Читать «Временное пристанище» онлайн - страница 112

Вольфганг Хильбиг

До истечения срока визы остается еще три недели (он повторялся!), можно уехать, можно остаться, – по существу, все зависит от Гедды… но по силам ли ей эта ноша? Государства, перед которым нужно оправдываться, у него больше нет – между ним и испытующим взглядом министра, что выдавал ему визу, пролег зон. Того министра больше не существует; можно свободно шляться по злачным кварталам Запада, оплакивать сникший конец – отвечать не придемся; можно писать что вздумается – никому дела нет. В известном смысле, я лицо без гражданства, приговаривал он, напиваясь все больше. Вроде дряхлого Геддиного отца, который лежит в доме для престарелых под Нюрнбергом, в позе ожидания, разговаривать не хочет да и вставать с постели уже не желает. Читает целыми днями «Правду» или «Известия», отрешенно таращится в серое немецкое небо, слушает стук пневматических молотков немецкой стройки под окном богадельни… к зданию вот уже год пристраивали новый корпус, старость приносила верный доход. И тянется в ожидающем мозгу старика бескрайний разлив излучины Волги, сверкающий плес, которого он лишился. И мысли, наверное, нет-нет да. и сбиваются на жену, которую он любил когда-то, а потом разлюбил, потому что слишком сильной была та любовь и слишком много в ней было вины: мать Гедды покончила с собой в серой враждебной Германии, когда девочке было десять…

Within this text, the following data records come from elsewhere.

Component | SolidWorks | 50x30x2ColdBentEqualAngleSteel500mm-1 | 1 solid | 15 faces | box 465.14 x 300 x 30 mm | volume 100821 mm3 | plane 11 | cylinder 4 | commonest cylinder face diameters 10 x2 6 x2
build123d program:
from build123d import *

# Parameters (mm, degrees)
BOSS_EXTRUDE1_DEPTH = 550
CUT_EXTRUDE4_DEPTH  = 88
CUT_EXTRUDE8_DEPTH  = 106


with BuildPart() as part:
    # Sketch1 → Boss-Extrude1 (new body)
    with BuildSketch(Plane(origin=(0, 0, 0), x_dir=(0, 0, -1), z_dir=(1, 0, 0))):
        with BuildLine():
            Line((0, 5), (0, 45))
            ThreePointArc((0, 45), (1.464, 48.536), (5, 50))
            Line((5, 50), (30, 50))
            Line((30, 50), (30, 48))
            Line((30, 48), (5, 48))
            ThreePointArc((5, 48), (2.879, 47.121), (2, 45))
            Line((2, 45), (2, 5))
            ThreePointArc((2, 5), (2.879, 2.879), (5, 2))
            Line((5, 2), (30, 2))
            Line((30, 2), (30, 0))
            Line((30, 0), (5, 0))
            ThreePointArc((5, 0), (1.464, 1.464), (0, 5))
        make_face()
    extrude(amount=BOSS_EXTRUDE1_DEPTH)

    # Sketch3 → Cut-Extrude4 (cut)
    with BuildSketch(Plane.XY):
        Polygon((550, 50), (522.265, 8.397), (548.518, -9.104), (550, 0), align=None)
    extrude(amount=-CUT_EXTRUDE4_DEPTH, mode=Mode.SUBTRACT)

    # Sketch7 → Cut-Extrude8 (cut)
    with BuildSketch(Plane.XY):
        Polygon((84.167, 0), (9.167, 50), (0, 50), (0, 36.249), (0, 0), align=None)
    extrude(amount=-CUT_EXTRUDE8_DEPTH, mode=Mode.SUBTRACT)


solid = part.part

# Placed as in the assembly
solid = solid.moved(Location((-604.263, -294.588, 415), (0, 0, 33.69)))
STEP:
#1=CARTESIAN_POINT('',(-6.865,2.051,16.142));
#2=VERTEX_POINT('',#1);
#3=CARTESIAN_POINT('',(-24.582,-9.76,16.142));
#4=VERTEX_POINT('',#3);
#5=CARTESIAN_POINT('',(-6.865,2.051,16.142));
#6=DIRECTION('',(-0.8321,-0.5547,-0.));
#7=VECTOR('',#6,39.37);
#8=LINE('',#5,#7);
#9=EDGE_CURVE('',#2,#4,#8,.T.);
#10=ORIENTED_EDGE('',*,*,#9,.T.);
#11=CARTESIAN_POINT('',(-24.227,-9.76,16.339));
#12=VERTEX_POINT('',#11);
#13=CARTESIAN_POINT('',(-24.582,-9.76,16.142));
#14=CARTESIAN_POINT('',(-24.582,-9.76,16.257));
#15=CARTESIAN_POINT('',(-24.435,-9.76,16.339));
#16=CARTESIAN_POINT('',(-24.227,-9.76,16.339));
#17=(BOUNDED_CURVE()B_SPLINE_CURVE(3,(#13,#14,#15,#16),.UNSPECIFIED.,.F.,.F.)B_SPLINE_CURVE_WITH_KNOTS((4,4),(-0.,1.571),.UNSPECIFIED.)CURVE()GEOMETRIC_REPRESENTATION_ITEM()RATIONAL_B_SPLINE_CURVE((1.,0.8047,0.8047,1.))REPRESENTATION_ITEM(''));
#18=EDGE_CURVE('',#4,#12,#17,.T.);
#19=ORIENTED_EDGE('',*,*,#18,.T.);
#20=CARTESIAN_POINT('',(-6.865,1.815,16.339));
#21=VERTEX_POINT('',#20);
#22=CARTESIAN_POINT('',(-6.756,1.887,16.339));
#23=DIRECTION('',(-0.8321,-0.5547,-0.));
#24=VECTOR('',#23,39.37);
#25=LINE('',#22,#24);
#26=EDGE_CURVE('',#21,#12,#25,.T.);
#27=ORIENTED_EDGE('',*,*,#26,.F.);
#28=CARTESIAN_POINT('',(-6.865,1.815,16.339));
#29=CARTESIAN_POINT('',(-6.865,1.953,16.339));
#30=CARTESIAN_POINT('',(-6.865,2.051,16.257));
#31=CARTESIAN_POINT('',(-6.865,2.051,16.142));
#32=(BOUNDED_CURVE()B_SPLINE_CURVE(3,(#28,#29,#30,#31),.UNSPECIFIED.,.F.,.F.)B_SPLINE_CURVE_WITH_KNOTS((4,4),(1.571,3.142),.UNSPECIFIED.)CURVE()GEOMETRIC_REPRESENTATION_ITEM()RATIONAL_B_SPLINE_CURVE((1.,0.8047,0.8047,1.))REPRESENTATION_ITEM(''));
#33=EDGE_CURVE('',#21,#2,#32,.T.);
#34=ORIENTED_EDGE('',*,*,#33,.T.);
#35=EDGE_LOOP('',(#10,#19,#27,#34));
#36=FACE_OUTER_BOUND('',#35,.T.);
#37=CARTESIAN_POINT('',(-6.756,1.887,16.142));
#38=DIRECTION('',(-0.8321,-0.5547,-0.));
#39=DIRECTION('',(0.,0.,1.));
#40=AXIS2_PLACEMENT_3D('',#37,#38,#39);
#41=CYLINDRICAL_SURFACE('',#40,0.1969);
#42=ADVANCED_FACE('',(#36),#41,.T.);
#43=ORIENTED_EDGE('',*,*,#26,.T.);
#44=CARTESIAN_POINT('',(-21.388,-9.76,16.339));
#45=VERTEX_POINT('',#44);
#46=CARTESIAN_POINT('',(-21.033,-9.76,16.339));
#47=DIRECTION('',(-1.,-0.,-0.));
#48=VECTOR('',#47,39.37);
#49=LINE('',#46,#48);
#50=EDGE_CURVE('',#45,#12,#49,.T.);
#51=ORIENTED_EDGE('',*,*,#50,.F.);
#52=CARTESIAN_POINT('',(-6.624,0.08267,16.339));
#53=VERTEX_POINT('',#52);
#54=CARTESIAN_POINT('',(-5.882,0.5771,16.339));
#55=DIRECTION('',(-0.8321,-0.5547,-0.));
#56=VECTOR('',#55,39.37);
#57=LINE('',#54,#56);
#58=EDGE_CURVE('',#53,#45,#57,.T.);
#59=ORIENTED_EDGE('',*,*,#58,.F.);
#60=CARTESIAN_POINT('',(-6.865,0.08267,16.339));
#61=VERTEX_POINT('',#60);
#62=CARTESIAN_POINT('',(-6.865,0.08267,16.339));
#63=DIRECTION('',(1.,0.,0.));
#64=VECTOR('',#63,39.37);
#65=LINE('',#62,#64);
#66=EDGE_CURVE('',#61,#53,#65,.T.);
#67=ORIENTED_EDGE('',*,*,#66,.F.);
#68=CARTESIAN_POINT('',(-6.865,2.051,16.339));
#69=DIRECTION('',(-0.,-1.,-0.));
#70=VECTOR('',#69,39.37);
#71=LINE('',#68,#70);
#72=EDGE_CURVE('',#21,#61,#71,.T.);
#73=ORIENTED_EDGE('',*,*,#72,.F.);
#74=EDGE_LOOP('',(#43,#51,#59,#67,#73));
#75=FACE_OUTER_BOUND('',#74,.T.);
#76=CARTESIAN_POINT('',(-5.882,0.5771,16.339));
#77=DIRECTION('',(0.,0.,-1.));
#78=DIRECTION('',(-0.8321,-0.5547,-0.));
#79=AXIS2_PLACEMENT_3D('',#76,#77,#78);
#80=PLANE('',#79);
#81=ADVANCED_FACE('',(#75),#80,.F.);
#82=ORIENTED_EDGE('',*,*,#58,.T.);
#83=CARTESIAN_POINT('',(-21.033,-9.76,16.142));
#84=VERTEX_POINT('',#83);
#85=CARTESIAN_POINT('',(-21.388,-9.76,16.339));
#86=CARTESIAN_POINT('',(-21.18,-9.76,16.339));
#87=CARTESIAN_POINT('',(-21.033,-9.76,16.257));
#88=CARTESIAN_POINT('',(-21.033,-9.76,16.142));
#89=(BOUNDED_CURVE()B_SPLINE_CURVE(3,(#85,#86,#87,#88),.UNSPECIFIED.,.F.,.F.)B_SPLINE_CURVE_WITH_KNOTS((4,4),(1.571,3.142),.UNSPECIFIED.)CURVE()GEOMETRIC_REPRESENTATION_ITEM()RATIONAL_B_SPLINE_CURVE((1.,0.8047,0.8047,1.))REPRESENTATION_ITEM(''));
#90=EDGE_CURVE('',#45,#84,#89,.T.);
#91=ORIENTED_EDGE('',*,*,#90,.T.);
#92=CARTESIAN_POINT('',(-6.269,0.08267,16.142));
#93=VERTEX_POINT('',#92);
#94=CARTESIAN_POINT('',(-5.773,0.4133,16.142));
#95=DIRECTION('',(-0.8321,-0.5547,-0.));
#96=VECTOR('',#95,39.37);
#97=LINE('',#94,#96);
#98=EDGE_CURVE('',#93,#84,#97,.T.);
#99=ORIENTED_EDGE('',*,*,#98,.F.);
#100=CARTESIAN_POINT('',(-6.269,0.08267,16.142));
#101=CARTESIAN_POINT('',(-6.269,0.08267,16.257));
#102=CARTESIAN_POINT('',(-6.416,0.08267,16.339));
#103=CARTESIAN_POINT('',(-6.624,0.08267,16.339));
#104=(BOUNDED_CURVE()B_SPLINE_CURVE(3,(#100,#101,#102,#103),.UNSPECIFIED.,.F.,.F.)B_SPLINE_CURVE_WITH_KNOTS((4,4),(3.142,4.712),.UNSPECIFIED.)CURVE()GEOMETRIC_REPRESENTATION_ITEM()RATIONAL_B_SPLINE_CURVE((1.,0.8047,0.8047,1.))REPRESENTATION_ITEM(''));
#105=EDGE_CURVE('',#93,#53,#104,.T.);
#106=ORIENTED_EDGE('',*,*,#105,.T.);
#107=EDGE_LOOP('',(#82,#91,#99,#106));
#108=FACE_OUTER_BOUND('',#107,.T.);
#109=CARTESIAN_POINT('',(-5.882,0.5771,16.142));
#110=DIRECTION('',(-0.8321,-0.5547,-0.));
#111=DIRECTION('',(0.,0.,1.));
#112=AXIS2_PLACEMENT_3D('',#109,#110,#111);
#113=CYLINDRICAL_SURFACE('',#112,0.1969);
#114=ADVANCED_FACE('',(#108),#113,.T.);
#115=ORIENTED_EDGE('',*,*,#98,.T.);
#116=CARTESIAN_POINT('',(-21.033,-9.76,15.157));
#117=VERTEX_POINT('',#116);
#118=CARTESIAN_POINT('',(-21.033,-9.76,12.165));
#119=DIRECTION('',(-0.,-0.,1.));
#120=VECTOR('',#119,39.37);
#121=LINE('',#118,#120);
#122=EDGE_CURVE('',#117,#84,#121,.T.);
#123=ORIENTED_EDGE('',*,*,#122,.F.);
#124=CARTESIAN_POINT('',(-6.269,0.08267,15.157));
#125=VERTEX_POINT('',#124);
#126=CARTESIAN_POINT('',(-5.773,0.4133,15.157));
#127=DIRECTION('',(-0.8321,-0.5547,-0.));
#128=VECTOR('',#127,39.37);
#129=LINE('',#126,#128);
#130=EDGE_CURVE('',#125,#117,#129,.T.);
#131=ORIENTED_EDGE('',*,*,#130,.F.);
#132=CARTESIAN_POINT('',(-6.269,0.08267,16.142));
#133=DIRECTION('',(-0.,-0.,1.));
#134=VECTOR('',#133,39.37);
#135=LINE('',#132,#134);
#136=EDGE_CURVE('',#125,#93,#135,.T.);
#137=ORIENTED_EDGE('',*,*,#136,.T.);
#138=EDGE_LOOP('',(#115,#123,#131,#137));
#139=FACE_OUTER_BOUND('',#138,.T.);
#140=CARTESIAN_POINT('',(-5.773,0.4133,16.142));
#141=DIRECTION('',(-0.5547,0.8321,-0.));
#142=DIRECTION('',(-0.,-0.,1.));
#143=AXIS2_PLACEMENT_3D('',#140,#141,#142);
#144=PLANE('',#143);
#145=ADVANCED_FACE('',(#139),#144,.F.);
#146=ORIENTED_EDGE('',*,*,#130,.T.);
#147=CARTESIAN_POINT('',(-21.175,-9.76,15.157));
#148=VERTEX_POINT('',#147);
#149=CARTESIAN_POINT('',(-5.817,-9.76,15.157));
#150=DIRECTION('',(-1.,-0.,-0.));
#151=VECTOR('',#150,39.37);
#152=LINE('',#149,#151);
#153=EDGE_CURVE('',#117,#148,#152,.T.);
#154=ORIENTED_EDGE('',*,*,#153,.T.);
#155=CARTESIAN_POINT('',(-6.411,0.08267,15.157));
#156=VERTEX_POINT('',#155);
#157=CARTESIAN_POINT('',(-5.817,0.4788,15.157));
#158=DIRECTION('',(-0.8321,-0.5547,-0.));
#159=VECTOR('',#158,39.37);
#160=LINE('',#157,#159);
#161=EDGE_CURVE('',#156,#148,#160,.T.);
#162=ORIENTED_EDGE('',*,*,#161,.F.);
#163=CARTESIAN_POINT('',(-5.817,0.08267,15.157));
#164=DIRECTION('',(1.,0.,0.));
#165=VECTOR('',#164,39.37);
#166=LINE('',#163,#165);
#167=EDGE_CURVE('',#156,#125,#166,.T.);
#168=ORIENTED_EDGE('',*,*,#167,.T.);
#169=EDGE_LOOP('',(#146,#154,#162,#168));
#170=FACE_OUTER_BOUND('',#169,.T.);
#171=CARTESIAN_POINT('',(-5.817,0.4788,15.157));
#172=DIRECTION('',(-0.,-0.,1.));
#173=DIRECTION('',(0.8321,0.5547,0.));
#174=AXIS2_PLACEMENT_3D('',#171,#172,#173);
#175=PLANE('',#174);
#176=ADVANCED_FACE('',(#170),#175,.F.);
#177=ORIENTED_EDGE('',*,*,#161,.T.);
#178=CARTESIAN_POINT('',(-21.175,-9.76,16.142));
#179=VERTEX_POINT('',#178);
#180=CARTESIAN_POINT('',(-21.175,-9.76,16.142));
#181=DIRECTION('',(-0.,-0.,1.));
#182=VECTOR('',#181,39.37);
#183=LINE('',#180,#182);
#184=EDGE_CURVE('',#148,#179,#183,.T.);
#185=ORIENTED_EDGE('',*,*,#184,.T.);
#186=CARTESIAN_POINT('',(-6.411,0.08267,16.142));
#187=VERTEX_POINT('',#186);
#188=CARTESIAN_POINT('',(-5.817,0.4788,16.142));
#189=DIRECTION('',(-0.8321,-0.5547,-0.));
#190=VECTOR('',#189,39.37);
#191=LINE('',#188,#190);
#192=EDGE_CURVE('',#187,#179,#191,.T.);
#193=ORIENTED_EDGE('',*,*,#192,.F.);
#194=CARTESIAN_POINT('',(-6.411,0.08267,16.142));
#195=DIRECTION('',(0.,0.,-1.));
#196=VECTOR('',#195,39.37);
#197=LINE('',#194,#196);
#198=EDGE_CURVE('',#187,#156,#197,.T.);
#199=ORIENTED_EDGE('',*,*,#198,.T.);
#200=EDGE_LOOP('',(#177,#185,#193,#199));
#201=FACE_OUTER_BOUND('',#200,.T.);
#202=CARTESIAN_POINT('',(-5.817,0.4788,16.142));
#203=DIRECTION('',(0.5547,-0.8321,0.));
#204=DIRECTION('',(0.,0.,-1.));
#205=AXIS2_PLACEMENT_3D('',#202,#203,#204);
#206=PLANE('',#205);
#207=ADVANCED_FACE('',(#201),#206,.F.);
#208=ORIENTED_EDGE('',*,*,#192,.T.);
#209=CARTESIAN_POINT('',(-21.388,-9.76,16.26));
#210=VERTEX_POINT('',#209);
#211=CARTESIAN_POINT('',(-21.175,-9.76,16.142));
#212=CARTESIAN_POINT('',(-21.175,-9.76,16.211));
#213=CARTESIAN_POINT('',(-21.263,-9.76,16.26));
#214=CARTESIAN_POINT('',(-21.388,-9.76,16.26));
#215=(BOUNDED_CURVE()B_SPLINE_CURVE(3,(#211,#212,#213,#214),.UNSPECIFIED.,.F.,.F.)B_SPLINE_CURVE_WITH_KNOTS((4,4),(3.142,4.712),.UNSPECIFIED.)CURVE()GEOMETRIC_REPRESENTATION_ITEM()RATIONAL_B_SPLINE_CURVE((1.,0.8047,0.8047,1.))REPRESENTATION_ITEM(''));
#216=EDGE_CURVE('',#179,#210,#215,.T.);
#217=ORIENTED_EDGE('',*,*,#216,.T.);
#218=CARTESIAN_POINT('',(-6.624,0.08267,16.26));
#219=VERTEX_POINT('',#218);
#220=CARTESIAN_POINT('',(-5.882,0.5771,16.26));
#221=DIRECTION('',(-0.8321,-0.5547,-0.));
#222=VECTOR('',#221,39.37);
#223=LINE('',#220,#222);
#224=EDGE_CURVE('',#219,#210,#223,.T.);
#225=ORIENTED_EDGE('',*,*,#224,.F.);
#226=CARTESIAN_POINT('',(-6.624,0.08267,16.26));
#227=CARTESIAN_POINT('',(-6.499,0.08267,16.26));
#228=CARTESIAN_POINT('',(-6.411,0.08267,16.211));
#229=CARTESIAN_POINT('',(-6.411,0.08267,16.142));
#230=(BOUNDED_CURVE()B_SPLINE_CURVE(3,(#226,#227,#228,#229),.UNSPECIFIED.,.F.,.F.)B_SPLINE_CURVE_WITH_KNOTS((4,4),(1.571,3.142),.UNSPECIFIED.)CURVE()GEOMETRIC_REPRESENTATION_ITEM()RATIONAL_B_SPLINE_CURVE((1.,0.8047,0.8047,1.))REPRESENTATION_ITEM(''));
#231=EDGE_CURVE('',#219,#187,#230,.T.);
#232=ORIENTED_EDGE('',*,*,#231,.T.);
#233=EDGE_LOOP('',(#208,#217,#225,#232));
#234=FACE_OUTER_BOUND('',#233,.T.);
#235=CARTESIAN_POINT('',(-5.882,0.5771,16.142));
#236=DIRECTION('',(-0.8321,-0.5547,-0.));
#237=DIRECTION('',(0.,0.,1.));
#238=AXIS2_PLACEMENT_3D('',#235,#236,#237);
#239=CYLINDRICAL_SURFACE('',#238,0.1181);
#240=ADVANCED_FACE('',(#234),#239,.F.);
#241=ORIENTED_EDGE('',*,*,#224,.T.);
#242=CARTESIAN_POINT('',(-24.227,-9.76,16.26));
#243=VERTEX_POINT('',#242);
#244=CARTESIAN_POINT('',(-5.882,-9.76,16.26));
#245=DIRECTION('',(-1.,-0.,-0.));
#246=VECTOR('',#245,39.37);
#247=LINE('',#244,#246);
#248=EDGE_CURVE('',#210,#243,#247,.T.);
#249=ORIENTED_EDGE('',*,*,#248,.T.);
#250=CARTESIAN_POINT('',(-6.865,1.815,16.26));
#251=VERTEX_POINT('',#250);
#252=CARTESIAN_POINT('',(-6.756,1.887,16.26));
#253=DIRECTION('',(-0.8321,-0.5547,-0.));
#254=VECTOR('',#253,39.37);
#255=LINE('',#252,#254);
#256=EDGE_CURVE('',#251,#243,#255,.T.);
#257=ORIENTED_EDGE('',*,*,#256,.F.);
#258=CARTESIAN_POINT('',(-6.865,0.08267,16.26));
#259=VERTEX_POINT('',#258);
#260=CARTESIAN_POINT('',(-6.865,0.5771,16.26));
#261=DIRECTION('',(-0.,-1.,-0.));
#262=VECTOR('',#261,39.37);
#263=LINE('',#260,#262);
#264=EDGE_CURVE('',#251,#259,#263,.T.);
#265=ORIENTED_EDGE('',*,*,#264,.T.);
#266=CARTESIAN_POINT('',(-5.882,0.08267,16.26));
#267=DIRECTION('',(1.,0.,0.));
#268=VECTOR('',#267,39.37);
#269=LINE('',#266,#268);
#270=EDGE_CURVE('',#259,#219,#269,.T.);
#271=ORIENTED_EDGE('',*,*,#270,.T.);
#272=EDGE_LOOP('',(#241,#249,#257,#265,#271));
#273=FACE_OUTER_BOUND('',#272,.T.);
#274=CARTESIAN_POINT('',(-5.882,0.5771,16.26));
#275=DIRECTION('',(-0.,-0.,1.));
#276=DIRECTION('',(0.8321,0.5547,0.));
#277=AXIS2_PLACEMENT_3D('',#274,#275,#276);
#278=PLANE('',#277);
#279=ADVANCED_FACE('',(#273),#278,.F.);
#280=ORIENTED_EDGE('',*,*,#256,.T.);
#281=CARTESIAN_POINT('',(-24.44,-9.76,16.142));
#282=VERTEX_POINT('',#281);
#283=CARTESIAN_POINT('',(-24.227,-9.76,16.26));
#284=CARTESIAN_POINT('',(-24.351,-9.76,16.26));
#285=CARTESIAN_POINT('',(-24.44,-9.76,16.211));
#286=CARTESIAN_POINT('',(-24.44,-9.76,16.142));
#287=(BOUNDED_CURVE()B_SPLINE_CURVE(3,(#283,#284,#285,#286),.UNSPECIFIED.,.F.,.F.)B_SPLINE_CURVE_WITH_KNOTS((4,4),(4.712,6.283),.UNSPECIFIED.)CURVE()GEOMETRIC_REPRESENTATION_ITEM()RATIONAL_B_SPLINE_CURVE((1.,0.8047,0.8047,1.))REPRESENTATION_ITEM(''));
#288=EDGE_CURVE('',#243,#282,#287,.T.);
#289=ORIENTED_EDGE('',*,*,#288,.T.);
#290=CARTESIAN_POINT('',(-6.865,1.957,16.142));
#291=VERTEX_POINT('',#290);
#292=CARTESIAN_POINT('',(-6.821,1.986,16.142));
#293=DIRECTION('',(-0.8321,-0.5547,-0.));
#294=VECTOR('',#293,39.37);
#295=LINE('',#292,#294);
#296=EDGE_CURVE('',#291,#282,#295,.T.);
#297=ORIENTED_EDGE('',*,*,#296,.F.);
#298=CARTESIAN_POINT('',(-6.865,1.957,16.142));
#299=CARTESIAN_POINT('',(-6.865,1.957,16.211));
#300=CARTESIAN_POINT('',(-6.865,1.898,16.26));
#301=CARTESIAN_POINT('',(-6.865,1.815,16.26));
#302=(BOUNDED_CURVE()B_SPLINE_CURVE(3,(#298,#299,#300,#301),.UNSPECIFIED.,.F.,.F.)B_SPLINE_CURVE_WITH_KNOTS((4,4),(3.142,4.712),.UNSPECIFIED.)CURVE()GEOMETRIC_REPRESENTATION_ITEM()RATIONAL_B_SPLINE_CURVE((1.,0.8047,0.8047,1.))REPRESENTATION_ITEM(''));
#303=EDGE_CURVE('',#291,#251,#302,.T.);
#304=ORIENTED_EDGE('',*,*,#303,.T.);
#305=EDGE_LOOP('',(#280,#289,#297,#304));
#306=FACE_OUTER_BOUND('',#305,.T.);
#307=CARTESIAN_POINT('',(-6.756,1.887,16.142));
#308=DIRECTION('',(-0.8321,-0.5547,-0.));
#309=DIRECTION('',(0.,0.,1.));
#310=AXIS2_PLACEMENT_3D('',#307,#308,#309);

Нет, если перед кем и оправдываться, то только перед Богом! Перед этим так называемым Богом там, наверху, выше самолета, перед этой древней инстанцией, чье былое величие осталось в прошлом… Теперь-то мы наконец равные среди равных! Он ткнул в воздух горлышком пивной бутылки и вылил в стакан остатки.

Он почти забыл, как начинал писать, зато в памяти осталось то время, когда писал для себя. Писал для себя одного: и никто ничего не знал, и, похоже, его это вовсе не печалило. Даже неловко бывало, когда кто-нибудь вдруг выследит и спросит, что это он пишет и зачем. Должно быть, он писал для Бога… это было давно, вроде как в другой эре. Он почти уже забыл то время, но вдруг вновь ощутил к нему живой интерес. Вызвала этот интерес «аграфия», неспособность вывести ни единой строчки, с которой он был бы согласен. Сейчас его, похоже, занимало, как бы вернуться к тому далекому детскому состоянию: писать для Бога или для себя, что на каком-то совсем простом уровне одно и то же…

Но это невозможно, он служащий литературной фабрики, отсюда нет дороги назад. Литературное производство – это чесотка, от которой нипочем не избавишься…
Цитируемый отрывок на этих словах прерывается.